Lauren Borg is an undergraduate student in the Faculty of Engineering and Information Sciences at the University of Wollongong. She’s recently finished her third and final year of a Bachelor of Medical Mathematics and intends on undertaking the Honours program next year. Throughout her undergraduate degree she has been a part of the NIASRA (National Institute for Applied Statistics Research Australia) Winter (2013) and Summer (2014) Scholarship program as well as a Dean’s Scholar student. Lauren was also a member of the Dean’s Merit list in 2013. She is interested in pursuing research in the field of biostatistics.

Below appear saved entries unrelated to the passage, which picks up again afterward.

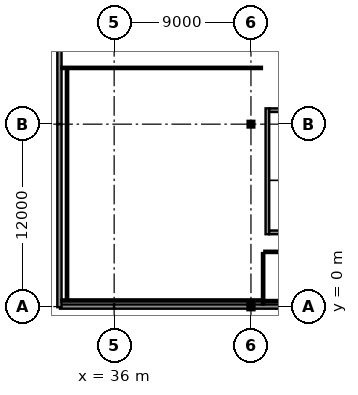
"""IFC4 building model, lengths in metres.
Left out: names, types, materials, properties, quantities, classifications, styles, units other than length and angle.
Written with IfcOpenShell. Run it as: python <this file> out.ifc"""

import sys

from ifc_helpers import new_model, si_unit, direction, frame, frame_2d, origin, origin_2d, place, context, subcontext, project, spatial, rectangle, i_section, extrude, element, fill, save


model = new_model("IFC4")
c1 = context("Model", 3, precision=1e-05, world=origin(), true_north=direction((0.0, 1.0)))
c2 = subcontext(c1, "Body", "Model", "MODEL_VIEW")
j1 = project(units=[si_unit("LENGTHUNIT", "METRE"), si_unit("PLANEANGLEUNIT", "RADIAN")], contexts=[c1])
p1 = place(None, origin())
s1 = spatial("IfcSite", under=j1, at=p1, CompositionType="ELEMENT")
p2 = place(p1, origin())
s2 = spatial("IfcBuilding", under=s1, at=p2, CompositionType="ELEMENT")
p3 = place(p2, frame((0.0, 0.0, 27.4)))
s3 = spatial("IfcBuildingStorey", under=s2, at=p3, CompositionType="ELEMENT", Elevation=27.4)
p4 = place(p3, frame((45.0, 0.0, 0.0), z_axis=(0.0, 0.0, 1.0), x_axis=(0.0, 1.0, 0.0)))
e1 = element("IfcColumn", 1, at=p4, inside=s3, PredefinedType="COLUMN", context=c2, shape_type="SweptSolid", body=[
    extrude(i_section(OverallWidth=0.3, OverallDepth=0.32, WebThickness=0.011, FlangeThickness=0.021, at=origin_2d()), origin(), (0.0, 0.0, 1.0), 4.0),
])
p5 = place(p3, frame((45.0, 12.0, 0.0), z_axis=(0.0, 0.0, 1.0), x_axis=(1.0, 0.0, 0.0)))
e2 = element("IfcColumn", 2, at=p5, inside=s3, PredefinedType="COLUMN", context=c2, shape_type="SweptSolid", body=[
    extrude(i_section(OverallWidth=0.28, OverallDepth=0.28, WebThickness=0.01, FlangeThickness=0.018, at=origin_2d()), origin(), (0.0, 0.0, 1.0), 4.0),
])
p6 = place(p3, frame((32.44, 0.0, 0.0), z_axis=(0.0, 0.0, 1.0), x_axis=(1.0, 0.0, 0.0)))
e3 = element("IfcWall", 3, at=p6, inside=s3, PredefinedType="SOLIDWALL", context=c2, shape_type="SweptSolid", body=[
    extrude(rectangle(XDim=3.57, YDim=0.28, at=frame_2d((1.785, 0.0))), origin(), (0.0, 0.0, 1.0), 2.787),
])
p7 = place(p3, frame((35.99, 0.0, 0.0), z_axis=(0.0, 0.0, 1.0), x_axis=(1.0, 0.0, 0.0)))
e4 = element("IfcWall", 4, at=p7, inside=s3, PredefinedType="SOLIDWALL", context=c2, shape_type="SweptSolid", body=[
    extrude(rectangle(XDim=8.852, YDim=0.28, at=frame_2d((4.426, 0.0))), origin(), (0.0, 0.0, 1.0), 2.787),
])
p8 = place(p3, frame((45.158, 0.0, 0.0), z_axis=(0.0, 0.0, 1.0), x_axis=(1.0, 0.0, 0.0)))
e5 = element("IfcWall", 5, at=p8, inside=s3, PredefinedType="SOLIDWALL", context=c2, shape_type="SweptSolid", body=[
    extrude(rectangle(XDim=8.834, YDim=0.28, at=frame_2d((4.417, 0.0))), origin(), (0.0, 0.0, 1.0), 2.787),
])
p9 = place(p8, frame((2.0, 0.0, 1.05)))
e6 = element("IfcOpeningElement", 6, at=p9, cuts=e5, PredefinedType="OPENING", context=c2, shape_type="SweptSolid", body=[
    extrude(rectangle(XDim=1.3, YDim=1.3, at=frame_2d((0.65, 0.65))), frame((0.0, 0.155, 0.0), z_axis=(0.0, -1.0, 0.0), x_axis=(1.0, 0.0, 0.0)), (0.0, 0.0, 1.0), 0.31),
])
p10 = place(p8, frame((5.534, 0.0, 1.05)))
e7 = element("IfcOpeningElement", 7, at=p10, cuts=e5, PredefinedType="OPENING", context=c2, shape_type="SweptSolid", body=[
    extrude(rectangle(XDim=1.3, YDim=1.3, at=frame_2d((0.65, 0.65))), frame((0.0, 0.155, 0.0), z_axis=(0.0, -1.0, 0.0), x_axis=(1.0, 0.0, 0.0)), (0.0, 0.0, 1.0), 0.31),
])
p11 = place(p3, frame((32.4, 23.96, 0.0), z_axis=(0.0, 0.0, 1.0), x_axis=(0.0, -1.0, 0.0)))
e8 = element("IfcWall", 8, at=p11, inside=s3, PredefinedType="SOLIDWALL", context=c2, shape_type="SweptSolid", body=[
    extrude(rectangle(XDim=11.97, YDim=0.28, at=frame_2d((5.985, 0.0))), origin(), (0.0, 0.0, 1.0), 3.095),
])
p12 = place(p11, frame((2.941, 0.0, 1.05)))
e9 = element("IfcOpeningElement", 9, at=p12, cuts=e8, PredefinedType="OPENING", context=c2, shape_type="SweptSolid", body=[
    extrude(rectangle(XDim=1.3, YDim=1.3, at=frame_2d((0.65, 0.65))), frame((0.0, 0.155, 0.0), z_axis=(0.0, -1.0, 0.0), x_axis=(1.0, 0.0, 0.0)), (0.0, 0.0, 1.0), 0.31),
])
p13 = place(p11, frame((8.5, 0.0, 1.05)))
e10 = element("IfcOpeningElement", 10, at=p13, cuts=e8, PredefinedType="OPENING", context=c2, shape_type="SweptSolid", body=[
    extrude(rectangle(XDim=1.3, YDim=1.3, at=frame_2d((0.65, 0.65))), frame((0.0, 0.155, 0.0), z_axis=(0.0, -1.0, 0.0), x_axis=(1.0, 0.0, 0.0)), (0.0, 0.0, 1.0), 0.31),
])
p14 = place(p3, frame((32.4, 12.01, 0.0), z_axis=(0.0, 0.0, 1.0), x_axis=(0.0, -1.0, 0.0)))
e11 = element("IfcWall", 11, at=p14, inside=s3, PredefinedType="SOLIDWALL", context=c2, shape_type="SweptSolid", body=[
    extrude(rectangle(XDim=12.05, YDim=0.28, at=frame_2d((6.025, 0.0))), origin(), (0.0, 0.0, 1.0), 3.095),
])
p15 = place(p14, frame((2.965, 0.0, 1.05)))
e12 = element("IfcOpeningElement", 12, at=p15, cuts=e11, PredefinedType="OPENING", context=c2, shape_type="SweptSolid", body=[
    extrude(rectangle(XDim=1.3, YDim=1.3, at=frame_2d((0.65, 0.65))), frame((0.0, 0.155, 0.0), z_axis=(0.0, -1.0, 0.0), x_axis=(1.0, 0.0, 0.0)), (0.0, 0.0, 1.0), 0.31),
])
p16 = place(p14, frame((7.785, 0.0, 1.05)))
e13 = element("IfcOpeningElement", 13, at=p16, cuts=e11, PredefinedType="OPENING", context=c2, shape_type="SweptSolid", body=[
    extrude(rectangle(XDim=1.3, YDim=1.3, at=frame_2d((0.65, 0.65))), frame((0.0, 0.155, 0.0), z_axis=(0.0, -1.0, 0.0), x_axis=(1.0, 0.0, 0.0)), (0.0, 0.0, 1.0), 0.31),
])
p17 = place(p3, frame((46.08, 4.76, 0.0), z_axis=(0.0, 0.0, 1.0), x_axis=(0.0, 1.0, 0.0)))
e14 = element("IfcWall", 14, at=p17, inside=s3, PredefinedType="SHEAR", context=c2, shape_type="SweptSolid", body=[
    extrude(rectangle(XDim=8.28, YDim=0.24, at=frame_2d((4.14, 0.0))), origin(), (0.0, 0.0, 1.0), 3.81),
])
for number, where, z_axis, x_axis in (
    (15, (46.2, 4.88, 0.0), (0.0, 0.0, 1.0), (1.0, 0.0, 0.0)),
    (16, (46.2, 12.92, 0.0), (0.0, 0.0, 1.0), (1.0, 0.0, 0.0)),
):
    element("IfcWall", number, at=place(p3, frame(where, z_axis=z_axis, x_axis=x_axis)), inside=s3, PredefinedType="SHEAR", context=c2, shape_type="SweptSolid", body=[
        extrude(rectangle(XDim=3.7, YDim=0.24, at=frame_2d((1.85, 0.0))), origin(), (0.0, 0.0, 1.0), 3.81),
    ])
p18 = place(p3, frame((71.92, 0.36, 0.0), z_axis=(0.0, 0.0, 1.0), x_axis=(-1.0, 0.0, 0.0)))
e17 = element("IfcWall", 17, at=p18, inside=s3, PredefinedType="PARTITIONING", context=c2, shape_type="SweptSolid", body=[
    extrude(rectangle(XDim=26.04, YDim=0.15, at=frame_2d((13.02, 0.0))), origin(), (0.0, 0.0, 1.0), 3.64),
])
p19 = place(p3, frame((45.8, 0.135, 0.0), z_axis=(0.0, 0.0, 1.0), x_axis=(0.0, 1.0, 0.0)))
e18 = element("IfcWall", 18, at=p19, inside=s3, PredefinedType="PARTITIONING", context=c2, shape_type="SweptSolid", body=[
    extrude(rectangle(XDim=3.385, YDim=0.15, at=frame_2d((1.692, 0.0))), origin(), (0.0, 0.0, 1.0), 3.64),
])
p20 = place(p3, frame((45.88, 3.6, 0.0), z_axis=(0.0, 0.0, 1.0), x_axis=(1.0, 0.0, 0.0)))
e19 = element("IfcWall", 19, at=p20, inside=s3, PredefinedType="PARTITIONING", context=c2, shape_type="SweptSolid", body=[
    extrude(rectangle(XDim=58.24, YDim=0.15, at=frame_2d((29.12, 0.0))), origin(), (0.0, 0.0, 1.0), 3.64),
])
p21 = place(p20, frame((27.795, 0.0, 0.0)))
e20 = element("IfcOpeningElement", 20, at=p21, cuts=e19, PredefinedType="OPENING", context=c2, shape_type="SweptSolid", body=[
    extrude(rectangle(XDim=1.05, YDim=2.25, at=frame_2d((0.525, 1.125))), frame((0.0, 0.09, 0.0), z_axis=(0.0, -1.0, 0.0), x_axis=(1.0, 0.0, 0.0)), (0.0, 0.0, 1.0), 0.18),
])
p22 = place(p3, frame((45.73, 0.4, 0.0), z_axis=(0.0, 0.0, 1.0), x_axis=(-1.0, 0.0, 0.0)))
e21 = element("IfcWall", 21, at=p22, inside=s3, PredefinedType="PARTITIONING", context=c2, shape_type="SweptSolid", body=[
    extrude(rectangle(XDim=13.195, YDim=0.15, at=frame_2d((6.598, 0.0))), origin(), (0.0, 0.0, 1.0), 3.64),
])
p23 = place(p3, frame((32.9, 0.47, 0.0), z_axis=(0.0, 0.0, 1.0), x_axis=(0.0, 1.0, 0.0)))
e22 = element("IfcWall", 22, at=p23, inside=s3, PredefinedType="PARTITIONING", context=c2, shape_type="SweptSolid", body=[
    extrude(rectangle(XDim=15.15, YDim=0.15, at=frame_2d((7.575, 0.0))), origin(), (0.0, 0.0, 1.0), 3.64),
])
p24 = place(p3, frame((32.535, 15.7, 0.0), z_axis=(0.0, 0.0, 1.0), x_axis=(1.0, 0.0, 0.0)))
e23 = element("IfcWall", 23, at=p24, inside=s3, PredefinedType="PARTITIONING", context=c2, shape_type="SweptSolid", body=[
    extrude(rectangle(XDim=13.185, YDim=0.15, at=frame_2d((6.593, 0.0))), origin(), (0.0, 0.0, 1.0), 3.64),
])
p25 = place(p24, frame((6.068, 0.0, 0.0)))
e24 = element("IfcOpeningElement", 24, at=p25, cuts=e23, PredefinedType="OPENING", context=c2, shape_type="SweptSolid", body=[
    extrude(rectangle(XDim=1.05, YDim=2.25, at=frame_2d((0.525, 1.125))), frame((0.0, 0.09, 0.0), z_axis=(0.0, -1.0, 0.0), x_axis=(1.0, 0.0, 0.0)), (0.0, 0.0, 1.0), 0.18),
])
p26 = place(p13, origin())
e25 = element("IfcWindow", 25, at=p26, inside=s3, PartitioningType="SINGLE_PANEL", PredefinedType="WINDOW", context=c2, shape_type="SweptSolid", body=[
    extrude(rectangle(XDim=1.3, YDim=1.3, at=frame_2d((0.65, 0.65))), frame((0.0, 0.03, 0.0), z_axis=(0.0, -1.0, 0.0), x_axis=(1.0, 0.0, 0.0)), (0.0, 0.0, 1.0), 0.06),
])
fill(e10, e25)
p27 = place(p15, origin())
e26 = element("IfcWindow", 26, at=p27, inside=s3, PartitioningType="SINGLE_PANEL", PredefinedType="WINDOW", context=c2, shape_type="SweptSolid", body=[
    extrude(rectangle(XDim=1.3, YDim=1.3, at=frame_2d((0.65, 0.65))), frame((0.0, 0.03, 0.0), z_axis=(0.0, -1.0, 0.0), x_axis=(1.0, 0.0, 0.0)), (0.0, 0.0, 1.0), 0.06),
])
fill(e12, e26)
p28 = place(p16, origin())
e27 = element("IfcWindow", 27, at=p28, inside=s3, PartitioningType="SINGLE_PANEL", PredefinedType="WINDOW", context=c2, shape_type="SweptSolid", body=[
    extrude(rectangle(XDim=1.3, YDim=1.3, at=frame_2d((0.65, 0.65))), frame((0.0, 0.03, 0.0), z_axis=(0.0, -1.0, 0.0), x_axis=(1.0, 0.0, 0.0)), (0.0, 0.0, 1.0), 0.06),
])
fill(e13, e27)
p29 = place(p25, origin())
e28 = element("IfcDoor", 28, at=p29, inside=s3, OperationType="SINGLE_SWING_RIGHT", PredefinedType="DOOR", context=c2, shape_type="SweptSolid", body=[
    extrude(rectangle(XDim=1.05, YDim=2.25, at=frame_2d((0.525, 1.125))), frame((0.0, 0.025, 0.0), z_axis=(0.0, -1.0, 0.0), x_axis=(1.0, 0.0, 0.0)), (0.0, 0.0, 1.0), 0.05),
])
fill(e24, e28)
save(model, sys.argv[1])

Issues in QTL Analysis and Association Studies in Plants with High Dimensional Marker Platforms
High-throughput, high-dimensional marker platforms are now available for many species. The Affymetrix Genome-Wide Human SNP Array 6.0 has been available for some time and has almost 1 million single nucleotide polymorphisms (SNPs) in a 1.8 million marker array. The rapid advancement of these technologies has provided a range of exciting opportunities in plant breeding. Traditional plant breeding approaches have been largely based on the well established theory of quantitative genetics which produce pedigree based predictions of additive genetic value. Although there has been much progress for hundreds of years using these approaches, the use of high density molecular markers data opens possibilities to better understand the genetic architecture of complex quantitative traits of commercial interest as well as deriving accurate prediction of genetic merit without the need to phenotype large numbers of individuals in the early stages of selection. There is a need to examine and improve the statistical methods that make use of high-dimensional marker data for QTL analysis and association studies in plants. There are many methods availablefor the analysis of QTL; it is not possible to review all the methods so a selection of key papers are discussed. Verbyla et al. (2007) developed a whole genome approach called WGAIM, which consisted of a forward selection approach for determining putative QTLs, which was embedded within the framework of a linear mixed model (lmm). This lmm included terms to account for the design of the experiment, as well as terms for both full additive and polygenic effects while undertaking the search. Verbyla et al. (2012) extended the WGAIM approach to make it more suitable for high-dimensional marker data. An important feature of both approaches is the useof a fully-efficient one-stage analysis. Many other widely used approaches for QTL analysis and association studies use a two-stage approach. In the first stage summarised or meta-data is formed from an analysis (often simply averaging of raw values for each line) ignoring the marker data. This meta-data is then subjected to a QTL analysis or association study in the second stage with incorporation of measures of statistical uncertainty. In this project we will undertake a comprehensive simulation study to examine the loss in efficiency resulting from a two-stage approach. Our study will be based on a real data-set taken from experiments involving a mapping population in wheat.